The present invention relates to a device and method for measurement of incident power and energy and, more particularly, to devices and methods which reduce errors in measurement due to variations in background radiation.
The term “power” as used herein refers to any measure of applied energy expressed as a function of time (e.g. 1 Watt=1 joule/s).
Previously available thermal power meters based on the thermopile effect are used to measure the powers and energies of lasers or other light sources. These meters are based on the effect of heat flow through the sensor causing a temperature difference, which is converted by a thermopile into a voltage proportional to the power flowing through the device. FIG. 1 shows such a previously available device 20 based on use of a commercial thermoelectric cooler (TEC; 24) used in a reverse fashion where instead of a current flow through the device causing a temperature difference across the faces, flow of heat 22 induced by incident energy 26 causes a temperature difference across the faces which, in turn causes a current flow through a resistor and hence a voltage essentially proportional to the power applied to the device. A pulse of incident energy 26 (e.g. from a laser beam) applied to an absorbing surface 28 can also be measured by integrating the voltage produced over time where the energy is ∝ ∫ power dt (FIG. 2). Devices of this type are used typically for powers from 1 mW to 10 Watts and energies of 0.1 mJ to 10 J. Devices of this type rely upon a heat sink disc 30 (FIG. 1) to minimize the effect of ambient energy from other sources.

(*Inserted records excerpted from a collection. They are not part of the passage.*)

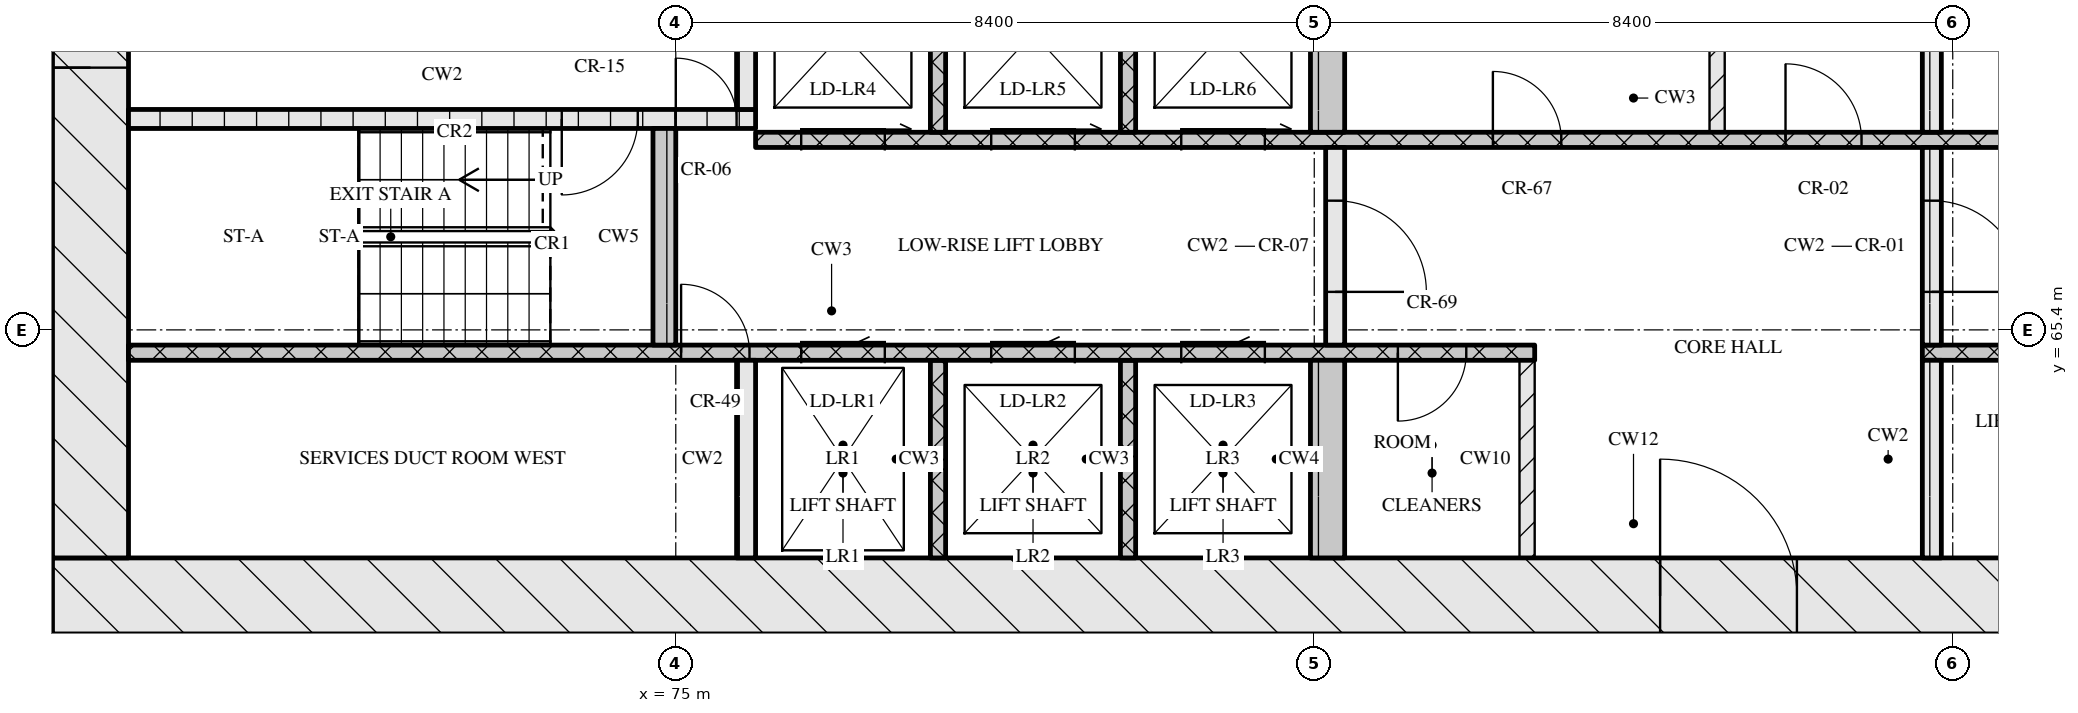
"""IFC4 building model, lengths in metres.
Left out: names, types, materials, properties, quantities, classifications, styles, units other than length and angle.
Written with IfcOpenShell. Run it as: python <this file> out.ifc"""

import sys

from ifc_helpers import new_model, si_unit, direction, frame, frame_2d, origin, place, context, subcontext, project, spatial, rectangle, extrude, element, fill, save


model = new_model("IFC4")
c1 = context("Model", 3, precision=1e-05, world=origin(), true_north=direction((0.0, 1.0)))
c2 = subcontext(c1, "Body", "Model", "MODEL_VIEW")
j1 = project(units=[si_unit("LENGTHUNIT", "METRE"), si_unit("PLANEANGLEUNIT", "RADIAN")], contexts=[c1])
p1 = place(None, origin())
s1 = spatial("IfcSite", under=j1, at=p1, CompositionType="ELEMENT")
p2 = place(p1, origin())
s2 = spatial("IfcBuilding", under=s1, at=p2, CompositionType="ELEMENT")
p3 = place(p2, frame((0.0, 0.0, 106.05)))
s3 = spatial("IfcBuildingStorey", under=s2, at=p3, CompositionType="ELEMENT", Elevation=106.05)
p4 = place(p3, frame((66.8, 61.9, 0.0), z_axis=(0.0, 0.0, 1.0), x_axis=(1.0, 0.0, 0.0)))
e1 = element("IfcWall", 1, at=p4, inside=s3, PredefinedType="SOLIDWALL", context=c2, shape_type="SweptSolid", body=[
    extrude(rectangle(XDim=41.6, YDim=1.0, at=frame_2d((20.8, 0.0))), origin(), (0.0, 0.0, 1.0), 3.32),
])
p5 = place(p4, frame((21.15, 0.0, 0.0)))
e2 = element("IfcOpeningElement", 2, at=p5, cuts=e1, PredefinedType="OPENING", context=c2, shape_type="SweptSolid", body=[
    extrude(rectangle(XDim=1.8, YDim=2.1, at=frame_2d((0.9, 1.05))), frame((0.0, 0.51, 0.0), z_axis=(0.0, -1.0, 0.0), x_axis=(1.0, 0.0, 0.0)), (0.0, 0.0, 1.0), 1.02),
])
p6 = place(p3, frame((67.3, 62.4, 0.0), z_axis=(0.0, 0.0, 1.0), x_axis=(0.0, 1.0, 0.0)))
e3 = element("IfcWall", 3, at=p6, inside=s3, PredefinedType="SOLIDWALL", context=c2, shape_type="SweptSolid", body=[
    extrude(rectangle(XDim=12.0, YDim=1.0, at=frame_2d((6.0, 0.0))), origin(), (0.0, 0.0, 1.0), 3.32),
])
p7 = place(p6, frame((6.45, 0.0, 0.0)))
e4 = element("IfcOpeningElement", 4, at=p7, cuts=e3, PredefinedType="OPENING", context=c2, shape_type="SweptSolid", body=[
    extrude(rectangle(XDim=1.2, YDim=2.1, at=frame_2d((0.6, 1.05))), frame((0.0, 0.51, 0.0), z_axis=(0.0, -1.0, 0.0), x_axis=(1.0, 0.0, 0.0)), (0.0, 0.0, 1.0), 1.02),
])
p8 = place(p3, frame((75.925, 62.4, 0.0), z_axis=(0.0, 0.0, 1.0), x_axis=(0.0, 1.0, 0.0)))
e5 = element("IfcWall", 5, at=p8, inside=s3, PredefinedType="SOLIDWALL", context=c2, shape_type="SweptSolid", body=[
    extrude(rectangle(XDim=2.6, YDim=0.25, at=frame_2d((1.3, 0.0))), origin(), (0.0, 0.0, 1.0), 3.32),
])
for number, where, z_axis, x_axis in (
    (6, (78.45, 62.4, 0.0), (0.0, 0.0, 1.0), (0.0, 1.0, 0.0)),
    (7, (80.95, 62.4, 0.0), (0.0, 0.0, 1.0), (0.0, 1.0, 0.0)),
):
    element("IfcWall", number, at=place(p3, frame(where, z_axis=z_axis, x_axis=x_axis)), inside=s3, PredefinedType="SOLIDWALL", context=c2, shape_type="SweptSolid", body=[
        extrude(rectangle(XDim=2.6, YDim=0.2, at=frame_2d((1.3, 0.0))), origin(), (0.0, 0.0, 1.0), 3.32),
    ])
p9 = place(p3, frame((83.575, 62.4, 0.0), z_axis=(0.0, 0.0, 1.0), x_axis=(0.0, 1.0, 0.0)))
e8 = element("IfcWall", 8, at=p9, inside=s3, PredefinedType="SOLIDWALL", context=c2, shape_type="SweptSolid", body=[
    extrude(rectangle(XDim=2.6, YDim=0.45, at=frame_2d((1.3, 0.0))), origin(), (0.0, 0.0, 1.0), 3.32),
])
p10 = place(p3, frame((86.2, 62.4, 0.0), z_axis=(0.0, 0.0, 1.0), x_axis=(0.0, 1.0, 0.0)))
e9 = element("IfcWall", 9, at=p10, inside=s3, PredefinedType="PARTITIONING", context=c2, shape_type="SweptSolid", body=[
    extrude(rectangle(XDim=2.6, YDim=0.2, at=frame_2d((1.3, 0.0))), origin(), (0.0, 0.0, 1.0), 3.32),
])
p11 = place(p3, frame((91.525, 62.4, 0.0), z_axis=(0.0, 0.0, 1.0), x_axis=(0.0, 1.0, 0.0)))
e10 = element("IfcWall", 10, at=p11, inside=s3, PredefinedType="SOLIDWALL", context=c2, shape_type="SweptSolid", body=[
    extrude(rectangle(XDim=2.6, YDim=0.25, at=frame_2d((1.3, 0.0))), origin(), (0.0, 0.0, 1.0), 3.32),
])
p12 = place(p3, frame((67.8, 65.1, 0.0), z_axis=(0.0, 0.0, 1.0), x_axis=(1.0, 0.0, 0.0)))
e11 = element("IfcWall", 11, at=p12, inside=s3, PredefinedType="SOLIDWALL", context=c2, shape_type="SweptSolid", body=[
    extrude(rectangle(XDim=18.5, YDim=0.2, at=frame_2d((9.25, 0.0))), origin(), (0.0, 0.0, 1.0), 3.32),
])
p13 = place(p12, frame((7.27, 0.0, 0.0)))
e12 = element("IfcOpeningElement", 12, at=p13, cuts=e11, PredefinedType="OPENING", context=c2, shape_type="SweptSolid", body=[
    extrude(rectangle(XDim=0.9, YDim=2.1, at=frame_2d((0.45, 1.05))), frame((0.0, 0.11, 0.0), z_axis=(0.0, -1.0, 0.0), x_axis=(1.0, 0.0, 0.0)), (0.0, 0.0, 1.0), 0.22),
])
p14 = place(p12, frame((8.85, 0.0, 0.0)))
e13 = element("IfcOpeningElement", 13, at=p14, cuts=e11, PredefinedType="OPENING", context=c2, shape_type="SweptSolid", body=[
    extrude(rectangle(XDim=1.1, YDim=2.1, at=frame_2d((0.55, 1.05))), frame((0.0, 0.11, 0.0), z_axis=(0.0, -1.0, 0.0), x_axis=(1.0, 0.0, 0.0)), (0.0, 0.0, 1.0), 0.22),
])
p15 = place(p12, frame((11.35, 0.0, 0.0)))
e14 = element("IfcOpeningElement", 14, at=p15, cuts=e11, PredefinedType="OPENING", context=c2, shape_type="SweptSolid", body=[
    extrude(rectangle(XDim=1.1, YDim=2.1, at=frame_2d((0.55, 1.05))), frame((0.0, 0.11, 0.0), z_axis=(0.0, -1.0, 0.0), x_axis=(1.0, 0.0, 0.0)), (0.0, 0.0, 1.0), 0.22),
])
p16 = place(p12, frame((13.85, 0.0, 0.0)))
e15 = element("IfcOpeningElement", 15, at=p16, cuts=e11, PredefinedType="OPENING", context=c2, shape_type="SweptSolid", body=[
    extrude(rectangle(XDim=1.1, YDim=2.1, at=frame_2d((0.55, 1.05))), frame((0.0, 0.11, 0.0), z_axis=(0.0, -1.0, 0.0), x_axis=(1.0, 0.0, 0.0)), (0.0, 0.0, 1.0), 0.22),
])
p17 = place(p12, frame((16.7, 0.0, 0.0)))
e16 = element("IfcOpeningElement", 16, at=p17, cuts=e11, PredefinedType="OPENING", context=c2, shape_type="SweptSolid", body=[
    extrude(rectangle(XDim=0.9, YDim=2.1, at=frame_2d((0.45, 1.05))), frame((0.0, 0.11, 0.0), z_axis=(0.0, -1.0, 0.0), x_axis=(1.0, 0.0, 0.0)), (0.0, 0.0, 1.0), 0.22),
])
p18 = place(p3, frame((91.4, 65.1, 0.0), z_axis=(0.0, 0.0, 1.0), x_axis=(1.0, 0.0, 0.0)))
e17 = element("IfcWall", 17, at=p18, inside=s3, PredefinedType="SOLIDWALL", context=c2, shape_type="SweptSolid", body=[
    extrude(rectangle(XDim=16.0, YDim=0.2, at=frame_2d((8.0, 0.0))), origin(), (0.0, 0.0, 1.0), 3.32),
])
p19 = place(p18, frame((7.83, 0.0, 0.0)))
e18 = element("IfcOpeningElement", 18, at=p19, cuts=e17, PredefinedType="OPENING", context=c2, shape_type="SweptSolid", body=[
    extrude(rectangle(XDim=0.9, YDim=2.1, at=frame_2d((0.45, 1.05))), frame((0.0, 0.11, 0.0), z_axis=(0.0, -1.0, 0.0), x_axis=(1.0, 0.0, 0.0)), (0.0, 0.0, 1.0), 0.22),
])
p20 = place(p3, frame((74.85, 65.2, 0.0), z_axis=(0.0, 0.0, 1.0), x_axis=(0.0, 1.0, 0.0)))
e19 = element("IfcWall", 19, at=p20, inside=s3, PredefinedType="SOLIDWALL", context=c2, shape_type="SweptSolid", body=[
    extrude(rectangle(XDim=2.85, YDim=0.3, at=frame_2d((1.425, 0.0))), origin(), (0.0, 0.0, 1.0), 3.32),
])
p21 = place(p3, frame((83.675, 65.2, 0.0), z_axis=(0.0, 0.0, 1.0), x_axis=(0.0, 1.0, 0.0)))
e20 = element("IfcWall", 20, at=p21, inside=s3, PredefinedType="SOLIDWALL", context=c2, shape_type="SweptSolid", body=[
    extrude(rectangle(XDim=2.6, YDim=0.25, at=frame_2d((1.3, 0.0))), origin(), (0.0, 0.0, 1.0), 3.32),
])
p22 = place(p21, frame((0.7, 0.0, 0.0)))
e21 = element("IfcOpeningElement", 21, at=p22, cuts=e20, PredefinedType="OPENING", context=c2, shape_type="SweptSolid", body=[
    extrude(rectangle(XDim=1.2, YDim=2.1, at=frame_2d((0.6, 1.05))), frame((0.0, 0.135, 0.0), z_axis=(0.0, -1.0, 0.0), x_axis=(1.0, 0.0, 0.0)), (0.0, 0.0, 1.0), 0.27),
])
p23 = place(p3, frame((91.525, 65.2, 0.0), z_axis=(0.0, 0.0, 1.0), x_axis=(0.0, 1.0, 0.0)))
e22 = element("IfcWall", 22, at=p23, inside=s3, PredefinedType="SOLIDWALL", context=c2, shape_type="SweptSolid", body=[
    extrude(rectangle(XDim=2.6, YDim=0.25, at=frame_2d((1.3, 0.0))), origin(), (0.0, 0.0, 1.0), 3.32),
])
p24 = place(p23, frame((0.7, 0.0, 0.0)))
e23 = element("IfcOpeningElement", 23, at=p24, cuts=e22, PredefinedType="OPENING", context=c2, shape_type="SweptSolid", body=[
    extrude(rectangle(XDim=1.2, YDim=2.1, at=frame_2d((0.6, 1.05))), frame((0.0, 0.135, 0.0), z_axis=(0.0, -1.0, 0.0), x_axis=(1.0, 0.0, 0.0)), (0.0, 0.0, 1.0), 0.27),
])
p25 = place(p3, frame((76.05, 67.9, 0.0), z_axis=(0.0, 0.0, 1.0), x_axis=(1.0, 0.0, 0.0)))
e24 = element("IfcWall", 24, at=p25, inside=s3, PredefinedType="SOLIDWALL", context=c2, shape_type="SweptSolid", body=[
    extrude(rectangle(XDim=23.1, YDim=0.2, at=frame_2d((11.55, 0.0))), origin(), (0.0, 0.0, 1.0), 3.32),
])
p26 = place(p25, frame((0.6, 0.0, 0.0)))
e25 = element("IfcOpeningElement", 25, at=p26, cuts=e24, PredefinedType="OPENING", context=c2, shape_type="SweptSolid", body=[
    extrude(rectangle(XDim=1.1, YDim=2.1, at=frame_2d((0.55, 1.05))), frame((0.0, 0.11, 0.0), z_axis=(0.0, -1.0, 0.0), x_axis=(1.0, 0.0, 0.0)), (0.0, 0.0, 1.0), 0.22),
])
p27 = place(p25, frame((3.1, 0.0, 0.0)))
e26 = element("IfcOpeningElement", 26, at=p27, cuts=e24, PredefinedType="OPENING", context=c2, shape_type="SweptSolid", body=[
    extrude(rectangle(XDim=1.1, YDim=2.1, at=frame_2d((0.55, 1.05))), frame((0.0, 0.11, 0.0), z_axis=(0.0, -1.0, 0.0), x_axis=(1.0, 0.0, 0.0)), (0.0, 0.0, 1.0), 0.22),
])
p28 = place(p25, frame((5.6, 0.0, 0.0)))
e27 = element("IfcOpeningElement", 27, at=p28, cuts=e24, PredefinedType="OPENING", context=c2, shape_type="SweptSolid", body=[
    extrude(rectangle(XDim=1.1, YDim=2.1, at=frame_2d((0.55, 1.05))), frame((0.0, 0.11, 0.0), z_axis=(0.0, -1.0, 0.0), x_axis=(1.0, 0.0, 0.0)), (0.0, 0.0, 1.0), 0.22),
])
p29 = place(p25, frame((9.7, 0.0, 0.0)))
e28 = element("IfcOpeningElement", 28, at=p29, cuts=e24, PredefinedType="OPENING", context=c2, shape_type="SweptSolid", body=[
    extrude(rectangle(XDim=0.9, YDim=2.1, at=frame_2d((0.45, 1.05))), frame((0.0, 0.11, 0.0), z_axis=(0.0, -1.0, 0.0), x_axis=(1.0, 0.0, 0.0)), (0.0, 0.0, 1.0), 0.22),
])
p30 = place(p25, frame((13.55, 0.0, 0.0)))
e29 = element("IfcOpeningElement", 29, at=p30, cuts=e24, PredefinedType="OPENING", context=c2, shape_type="SweptSolid", body=[
    extrude(rectangle(XDim=1.0, YDim=2.1, at=frame_2d((0.5, 1.05))), frame((0.0, 0.11, 0.0), z_axis=(0.0, -1.0, 0.0), x_axis=(1.0, 0.0, 0.0)), (0.0, 0.0, 1.0), 0.22),
])
for number, where, z_axis, x_axis in (
    (30, (78.45, 68.0, 0.0), (0.0, 0.0, 1.0), (0.0, 1.0, 0.0)),
    (31, (80.95, 68.0, 0.0), (0.0, 0.0, 1.0), (0.0, 1.0, 0.0)),
):
    element("IfcWall", number, at=place(p3, frame(where, z_axis=z_axis, x_axis=x_axis)), inside=s3, PredefinedType="SOLIDWALL", context=c2, shape_type="SweptSolid", body=[
        extrude(rectangle(XDim=2.6, YDim=0.2, at=frame_2d((1.3, 0.0))), origin(), (0.0, 0.0, 1.0), 3.32),
    ])
p31 = place(p3, frame((83.575, 68.0, 0.0), z_axis=(0.0, 0.0, 1.0), x_axis=(0.0, 1.0, 0.0)))
e32 = element("IfcWall", 32, at=p31, inside=s3, PredefinedType="SOLIDWALL", context=c2, shape_type="SweptSolid", body=[
    extrude(rectangle(XDim=2.6, YDim=0.45, at=frame_2d((1.3, 0.0))), origin(), (0.0, 0.0, 1.0), 3.32),
])
p32 = place(p3, frame((88.7, 68.0, 0.0), z_axis=(0.0, 0.0, 1.0), x_axis=(0.0, 1.0, 0.0)))
e33 = element("IfcWall", 33, at=p32, inside=s3, PredefinedType="PARTITIONING", context=c2, shape_type="SweptSolid", body=[
    extrude(rectangle(XDim=2.6, YDim=0.2, at=frame_2d((1.3, 0.0))), origin(), (0.0, 0.0, 1.0), 3.32),
])
p33 = place(p3, frame((91.525, 68.0, 0.0), z_axis=(0.0, 0.0, 1.0), x_axis=(0.0, 1.0, 0.0)))
e34 = element("IfcWall", 34, at=p33, inside=s3, PredefinedType="SOLIDWALL", context=c2, shape_type="SweptSolid", body=[
    extrude(rectangle(XDim=2.6, YDim=0.25, at=frame_2d((1.3, 0.0))), origin(), (0.0, 0.0, 1.0), 3.32),
])
p34 = place(p3, frame((67.8, 68.175, 0.0), z_axis=(0.0, 0.0, 1.0), x_axis=(1.0, 0.0, 0.0)))
e35 = element("IfcWall", 35, at=p34, inside=s3, PredefinedType="SOLIDWALL", context=c2, shape_type="SweptSolid", body=[
    extrude(rectangle(XDim=8.25, YDim=0.25, at=frame_2d((4.125, 0.0))), origin(), (0.0, 0.0, 1.0), 3.32),
])
p35 = place(p34, frame((5.7, 0.0, 0.0)))
e36 = element("IfcOpeningElement", 36, at=p35, cuts=e35, PredefinedType="OPENING", context=c2, shape_type="SweptSolid", body=[
    extrude(rectangle(XDim=1.0, YDim=2.1, at=frame_2d((0.5, 1.05))), frame((0.0, 0.135, 0.0), z_axis=(0.0, -1.0, 0.0), x_axis=(1.0, 0.0, 0.0)), (0.0, 0.0, 1.0), 0.27),
])
p36 = place(p34, frame((7.2, 0.0, 0.0)))
e37 = element("IfcOpeningElement", 37, at=p36, cuts=e35, PredefinedType="OPENING", context=c2, shape_type="SweptSolid", body=[
    extrude(rectangle(XDim=0.8, YDim=2.1, at=frame_2d((0.4, 1.05))), frame((0.0, 0.135, 0.0), z_axis=(0.0, -1.0, 0.0), x_axis=(1.0, 0.0, 0.0)), (0.0, 0.0, 1.0), 0.27),
])
p37 = place(p3, frame((75.925, 68.3, 0.0), z_axis=(0.0, 0.0, 1.0), x_axis=(0.0, 1.0, 0.0)))
e38 = element("IfcWall", 38, at=p37, inside=s3, PredefinedType="SOLIDWALL", context=c2, shape_type="SweptSolid", body=[
    extrude(rectangle(XDim=2.3, YDim=0.25, at=frame_2d((1.15, 0.0))), origin(), (0.0, 0.0, 1.0), 3.32),
])
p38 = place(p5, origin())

Devices of this type are inherently limited with respect to measurement of low powers and energies due to interference from ambient background radiation and temperature. Since devices of this type measure a total temperature difference induced on the sensor from any source, the accuracy of the measurement is adversely affected because the light source being measured, changes in air temperature, and changes due to uneven radiation on the case of the measuring device all contribute to the total temperature difference. For instance, with the Ophir model 3A-P (Ophir Optronics, Jerusalem, Israel), although the power noise level of the device is rated at 10 μW, the long term change in reading of power over a measurement period of approximately 1 hour under typical room conditions is more than 300 μW even though the meter is enclosed in an insulating housing. Thus devices of this type introduce an unacceptable level of error into measurements, especially when measuring applied powers less than ˜1 mW.
U.S. Pat. No. 5,376,783 attempts to address the problem of background radiation as it affects measurement. However, this patent has, as an inherent limitation, a strict requirement for the measurement of light.
There is thus a widely recognized need for, and it would be highly advantageous to have, a device and method for measurement of incident power and energy devoid of the above limitation.